Pasamos por la carnicería y dice José Antonio que lo que faltaba, que ahora los médicos sueltan que hay que comer menos carne. Preguntamos si se salvan el pollo y el conejo, que estaban ahí ahí, entre planetas y planetoides como el pobre Plutón y que tampoco. Ni el cerdo redimido, que se había unido al grupo y ya era carne blanca y recomendable. En fin, que no sabe una qué comprar ni qué comer. “Estoy aborrecida”, decía mi abuela cuando pensaba el menú diario, y vamos a acabar igual.

Más allá de comer con variedad, en cantidades correctas, evitar lo que sienta mal, que cada vez son más cosas y a más gente, no tengo mayor criterio bromatológico, pero sí alguna experiencia que, para no variar, me hace pensar mal.

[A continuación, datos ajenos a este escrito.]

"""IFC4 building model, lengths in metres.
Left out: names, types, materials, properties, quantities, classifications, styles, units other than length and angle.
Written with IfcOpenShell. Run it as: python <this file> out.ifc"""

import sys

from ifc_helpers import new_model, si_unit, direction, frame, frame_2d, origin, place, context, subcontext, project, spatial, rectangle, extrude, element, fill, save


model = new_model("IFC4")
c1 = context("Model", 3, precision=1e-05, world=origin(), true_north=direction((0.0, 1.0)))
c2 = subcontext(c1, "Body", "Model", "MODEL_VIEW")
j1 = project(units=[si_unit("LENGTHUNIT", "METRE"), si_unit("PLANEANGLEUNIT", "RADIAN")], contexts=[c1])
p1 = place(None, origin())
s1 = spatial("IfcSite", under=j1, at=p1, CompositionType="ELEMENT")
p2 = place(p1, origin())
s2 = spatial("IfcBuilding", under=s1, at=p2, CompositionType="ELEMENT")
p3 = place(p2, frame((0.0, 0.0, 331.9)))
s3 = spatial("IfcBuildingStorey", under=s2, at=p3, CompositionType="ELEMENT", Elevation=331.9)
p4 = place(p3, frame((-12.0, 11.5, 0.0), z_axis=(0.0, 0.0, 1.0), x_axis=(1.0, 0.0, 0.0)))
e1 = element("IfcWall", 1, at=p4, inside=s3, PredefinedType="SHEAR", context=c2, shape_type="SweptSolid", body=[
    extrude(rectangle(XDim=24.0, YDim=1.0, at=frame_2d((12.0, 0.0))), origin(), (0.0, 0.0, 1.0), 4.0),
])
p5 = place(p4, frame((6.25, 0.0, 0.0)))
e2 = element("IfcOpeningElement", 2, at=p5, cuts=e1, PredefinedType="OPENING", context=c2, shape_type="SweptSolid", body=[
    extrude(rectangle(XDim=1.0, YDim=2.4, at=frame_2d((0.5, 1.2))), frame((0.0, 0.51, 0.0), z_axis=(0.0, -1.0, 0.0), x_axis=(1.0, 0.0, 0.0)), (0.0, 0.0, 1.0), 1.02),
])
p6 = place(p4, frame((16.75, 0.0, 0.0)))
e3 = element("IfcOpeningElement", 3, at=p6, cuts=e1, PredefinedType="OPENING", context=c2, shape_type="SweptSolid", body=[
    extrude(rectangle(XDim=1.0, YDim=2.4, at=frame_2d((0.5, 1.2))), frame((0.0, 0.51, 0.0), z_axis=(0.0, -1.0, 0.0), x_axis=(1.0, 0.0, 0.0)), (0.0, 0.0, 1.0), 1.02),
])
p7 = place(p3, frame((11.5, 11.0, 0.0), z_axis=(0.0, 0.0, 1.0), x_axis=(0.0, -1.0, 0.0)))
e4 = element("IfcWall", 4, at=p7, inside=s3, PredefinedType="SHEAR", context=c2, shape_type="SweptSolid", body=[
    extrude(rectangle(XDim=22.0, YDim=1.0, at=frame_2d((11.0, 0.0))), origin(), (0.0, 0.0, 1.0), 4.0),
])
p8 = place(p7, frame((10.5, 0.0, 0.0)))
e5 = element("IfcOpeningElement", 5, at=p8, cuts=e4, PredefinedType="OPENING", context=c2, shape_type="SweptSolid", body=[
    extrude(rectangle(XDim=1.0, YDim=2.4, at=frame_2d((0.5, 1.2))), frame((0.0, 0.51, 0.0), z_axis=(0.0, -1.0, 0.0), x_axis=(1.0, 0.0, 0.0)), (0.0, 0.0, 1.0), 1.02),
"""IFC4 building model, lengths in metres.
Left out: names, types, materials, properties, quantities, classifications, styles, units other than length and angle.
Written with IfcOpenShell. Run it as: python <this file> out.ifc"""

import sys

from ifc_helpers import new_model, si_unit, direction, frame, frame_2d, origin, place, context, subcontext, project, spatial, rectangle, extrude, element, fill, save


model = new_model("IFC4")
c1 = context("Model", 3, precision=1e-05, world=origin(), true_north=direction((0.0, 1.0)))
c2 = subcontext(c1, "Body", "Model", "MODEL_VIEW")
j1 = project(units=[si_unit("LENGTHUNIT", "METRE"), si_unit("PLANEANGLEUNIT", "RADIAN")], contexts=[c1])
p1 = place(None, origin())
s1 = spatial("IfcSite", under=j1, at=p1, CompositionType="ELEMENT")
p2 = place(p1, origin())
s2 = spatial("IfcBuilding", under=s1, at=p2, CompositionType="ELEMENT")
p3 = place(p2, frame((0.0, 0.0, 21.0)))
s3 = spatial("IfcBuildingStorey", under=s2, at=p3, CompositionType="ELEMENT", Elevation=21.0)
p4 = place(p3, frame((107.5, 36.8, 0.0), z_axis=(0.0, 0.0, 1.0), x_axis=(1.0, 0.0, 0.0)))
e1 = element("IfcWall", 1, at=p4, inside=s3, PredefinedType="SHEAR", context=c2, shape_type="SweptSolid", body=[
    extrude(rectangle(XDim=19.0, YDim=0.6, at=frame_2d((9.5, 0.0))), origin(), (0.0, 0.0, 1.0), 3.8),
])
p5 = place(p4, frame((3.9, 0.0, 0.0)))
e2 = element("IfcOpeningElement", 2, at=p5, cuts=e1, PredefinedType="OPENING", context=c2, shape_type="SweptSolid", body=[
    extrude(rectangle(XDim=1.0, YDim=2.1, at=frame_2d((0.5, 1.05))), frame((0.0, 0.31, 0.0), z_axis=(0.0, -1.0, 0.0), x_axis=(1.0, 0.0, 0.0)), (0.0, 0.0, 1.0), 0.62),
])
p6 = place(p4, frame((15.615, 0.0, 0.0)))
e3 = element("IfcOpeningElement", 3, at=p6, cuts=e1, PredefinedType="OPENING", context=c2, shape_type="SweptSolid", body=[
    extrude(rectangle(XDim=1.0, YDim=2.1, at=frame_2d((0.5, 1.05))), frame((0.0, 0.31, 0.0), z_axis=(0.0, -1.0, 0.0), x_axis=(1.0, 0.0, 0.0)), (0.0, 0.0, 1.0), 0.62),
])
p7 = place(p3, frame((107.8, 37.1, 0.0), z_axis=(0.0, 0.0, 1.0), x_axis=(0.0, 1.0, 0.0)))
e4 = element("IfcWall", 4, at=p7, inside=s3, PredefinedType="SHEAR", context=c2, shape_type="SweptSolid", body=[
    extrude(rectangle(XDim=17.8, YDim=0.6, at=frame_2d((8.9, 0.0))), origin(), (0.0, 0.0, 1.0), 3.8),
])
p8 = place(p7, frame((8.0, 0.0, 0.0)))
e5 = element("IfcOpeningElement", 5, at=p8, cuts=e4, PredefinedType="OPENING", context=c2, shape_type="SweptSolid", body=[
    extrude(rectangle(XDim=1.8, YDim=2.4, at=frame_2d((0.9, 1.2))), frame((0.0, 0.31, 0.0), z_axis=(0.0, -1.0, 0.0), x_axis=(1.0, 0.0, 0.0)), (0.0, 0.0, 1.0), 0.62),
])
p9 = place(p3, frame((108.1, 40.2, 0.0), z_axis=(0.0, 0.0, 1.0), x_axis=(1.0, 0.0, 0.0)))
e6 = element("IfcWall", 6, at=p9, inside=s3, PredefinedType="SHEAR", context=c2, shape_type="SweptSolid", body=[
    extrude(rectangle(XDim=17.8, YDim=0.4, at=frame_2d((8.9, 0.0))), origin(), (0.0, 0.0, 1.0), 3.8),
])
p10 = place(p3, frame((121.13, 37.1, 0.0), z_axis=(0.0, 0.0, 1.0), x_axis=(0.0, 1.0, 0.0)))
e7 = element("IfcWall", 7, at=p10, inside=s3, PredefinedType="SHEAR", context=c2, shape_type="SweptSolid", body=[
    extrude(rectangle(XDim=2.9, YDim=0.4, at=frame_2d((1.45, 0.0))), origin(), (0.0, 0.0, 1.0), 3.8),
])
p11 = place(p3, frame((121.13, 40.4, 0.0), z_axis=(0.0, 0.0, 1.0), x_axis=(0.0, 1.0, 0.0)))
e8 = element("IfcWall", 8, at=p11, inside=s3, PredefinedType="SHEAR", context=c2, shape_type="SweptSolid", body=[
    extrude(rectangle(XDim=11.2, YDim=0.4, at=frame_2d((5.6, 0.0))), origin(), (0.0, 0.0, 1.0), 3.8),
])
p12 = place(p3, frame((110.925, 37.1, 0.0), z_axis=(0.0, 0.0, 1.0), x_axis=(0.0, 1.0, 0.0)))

Durante años el pescado azul fue malo malísimo. Ahora está lleno de cualidades y según de dónde venga, también de metales pesados, Los huevos, ese milagro que no cansa y reconforta y son oro puro también pasaron su martirio y no acaban de salir del purgatorio. El pan, parecido. La accesibilidad económica de estos alimentos favorece su demonización. Meterse con los pobres da un toquecillo de estatus y la salud es una cuestión sensible. Como resistencia propongo ocasionalmente una liturgia sublime: bocadillo de papada, bien crujiente, cerveza y sofá. En unos años será declarada práctica cardiosaludable por la OMS. Lo veremos.

Un cliente pregunta qué hay que comer. “Pescado”, responde José Antonio, que a pesar de su oficio no regatea la información. “Fíjate la merluza, cómo ha bajado”, dice una señora. “Sí, la que tiene varufakis”, contesta un cliente. Cerramos los ojos, suena un sirtaki, y nos dejamos mecer por unas olas lejanas, de un azul radiante y espumoso.